The role of cerebral amyloid β accumulation in common forms of Alzheimer disease
J. Clin. Invest. Sam Gandy, et al. 115:1121 doi:10.1172/JCI25100 [Go to this article.]

Figure 3
Amyloid plaque–forming transgenic mice and positron emission tomography (PET) scans of amyloid plaque load in normal human subjects and subjects with AD. (A) Thioflavin staining of subiculum of control mouse, aged 14 months. Fluorescence is nonspecific and cellular. Magnification, ×20. (B) Thioflavin staining of littermate, mutant APP X mutant PS mouse, demonstrating thioflavin-positive amyloid plaques. Magnification, ×20. (C) Immunostaining of amyloid plaque from cortex from same mouse as in B. Magnification, ×40. Figures courtesy of Michelle Ehrlich (Thomas Jefferson University). (D) [¹⁸F]FDDNP PET scan (to examine amyloid plaque and NFT load), MRI, and fluoro-deoxy-glucose (FDG) PET (to examine glucose metabolism) images of a subject with AD and a control normal subject. The [¹⁸F]FDDNP and FDG (summed) images are coregistered to their respective MRI images.

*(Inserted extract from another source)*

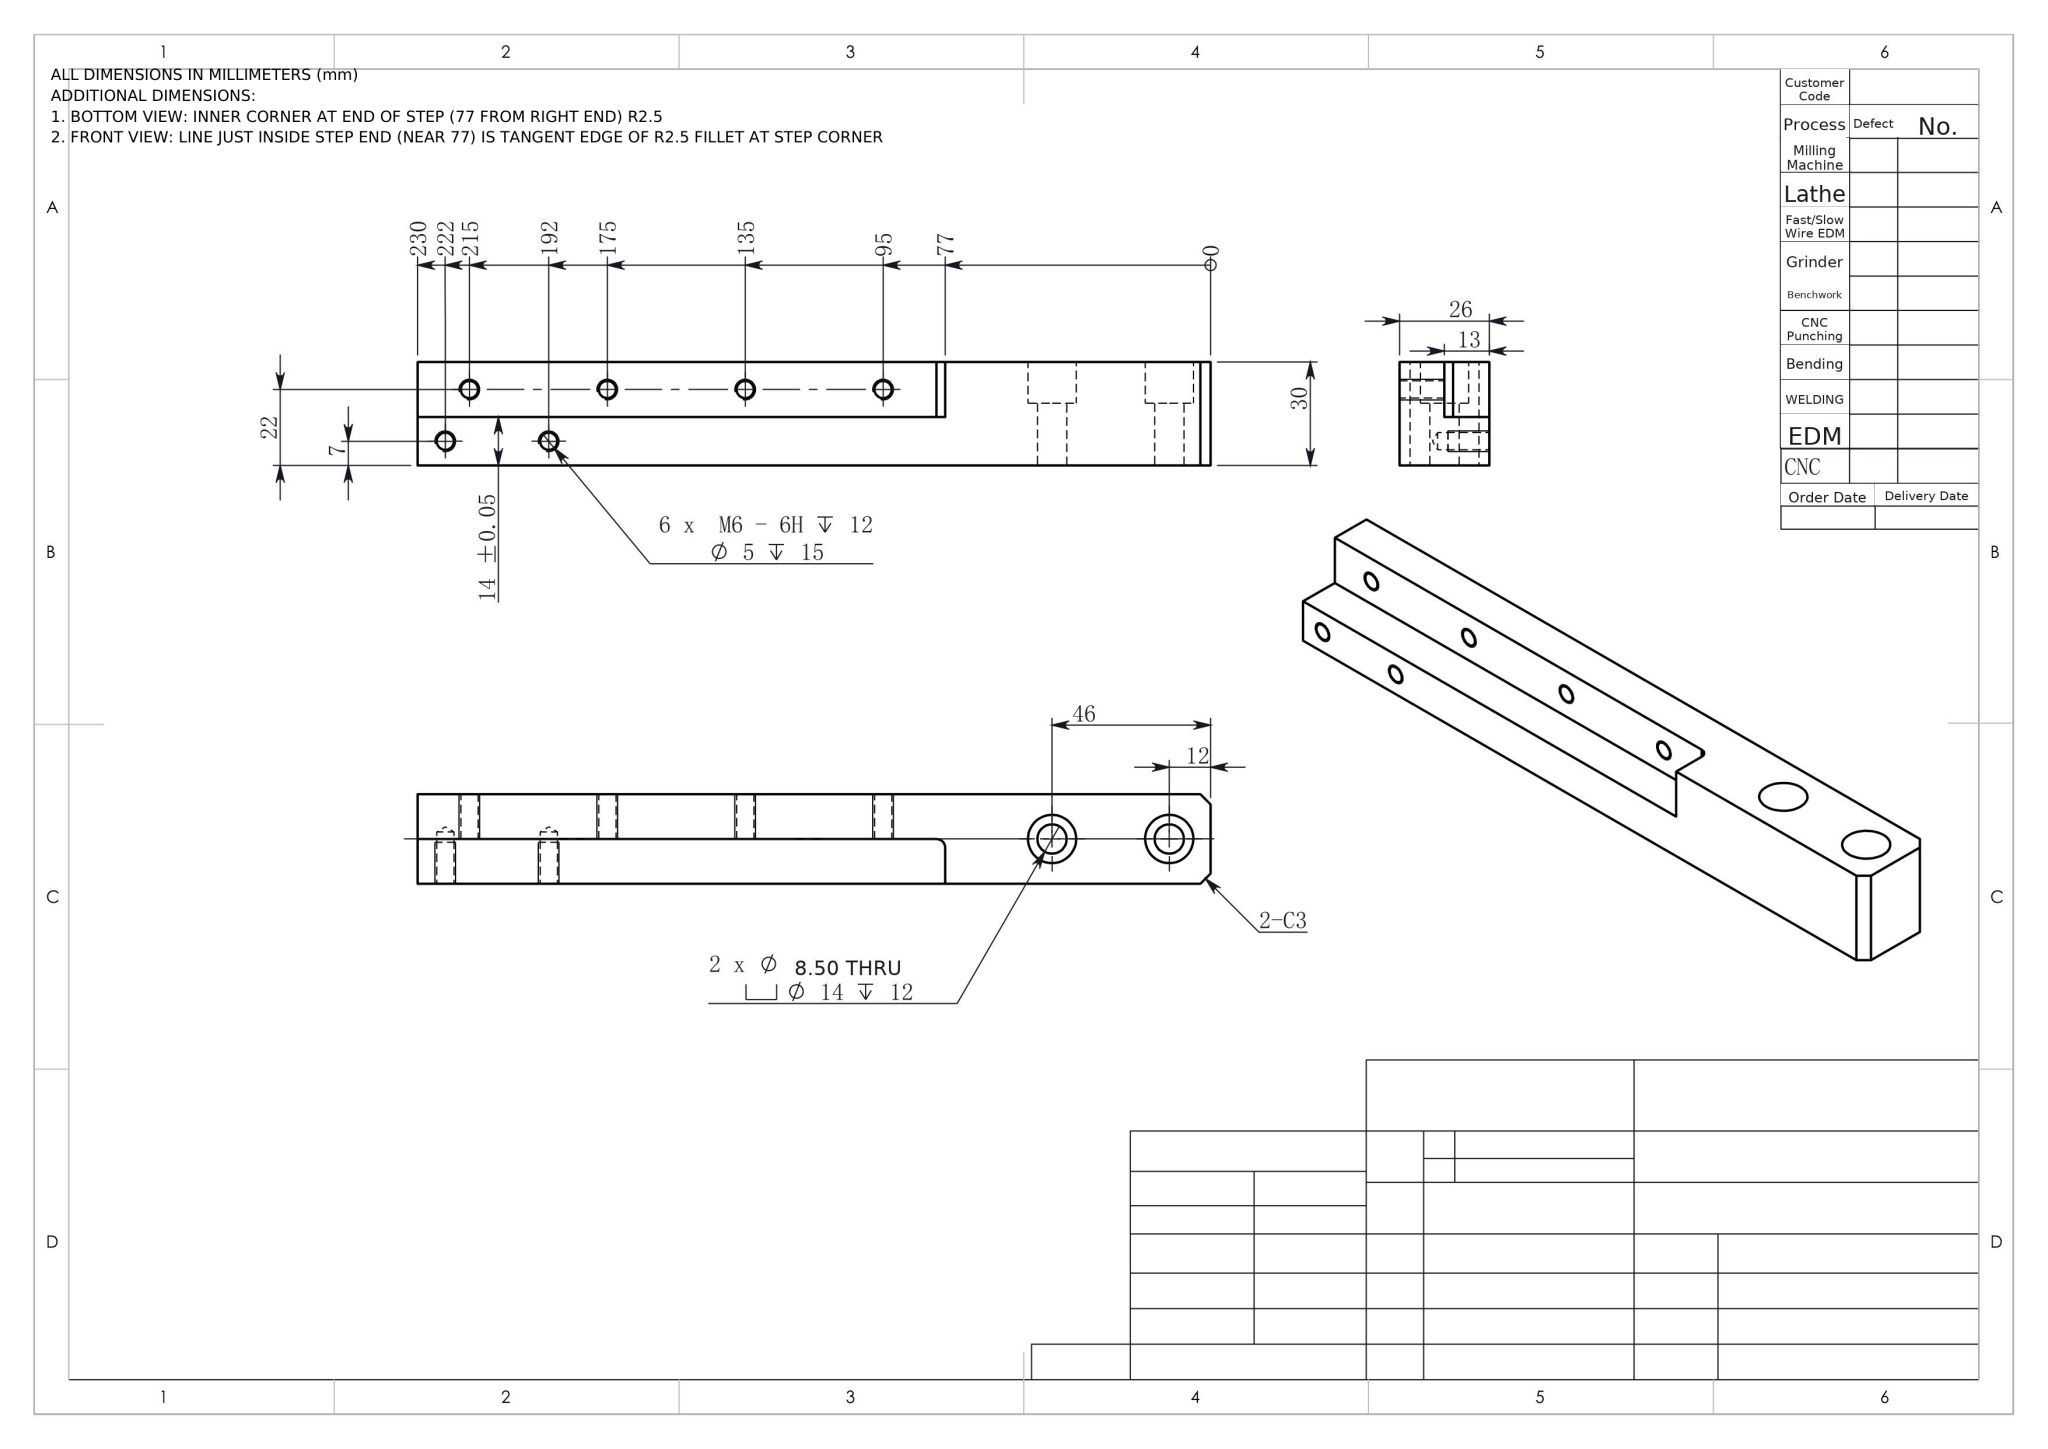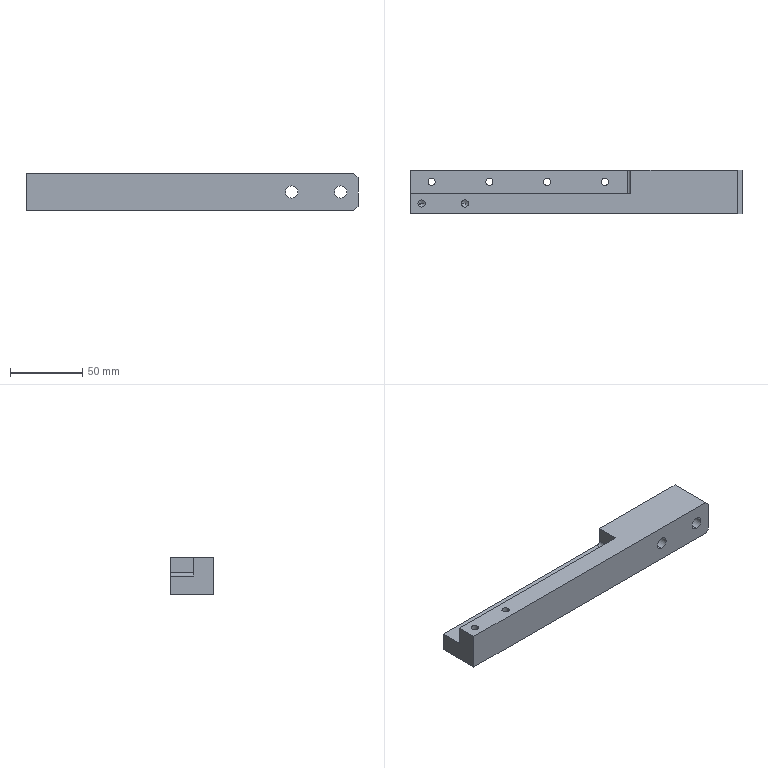Part | NX | mm | 1 solid | 38 faces | box 230 x 30 x 26 mm | volume 139960 mm3 | cylinder 21 | plane 13 | cone 4 | commonest cylinder face diameters 5 x13 14 x4 8.5 x4

Areas of FDG hypometabolism (blue) are matched with the localization of amyloid plaques and NFTs as visualized by [¹⁸F]FDDNP binding. The color bar represents the scaling of the [¹⁸F]FDDNP and FDG images. FDDNP, 2-(1-[6-[(2-[¹⁸F]fluoroethyl)(methyl)amino]-2-naphthyl]ethylidene)malononitrile; max, maximum; min, minimum. Figure reproduced with permission from the American Journal of Geriatric Psychiatry (62).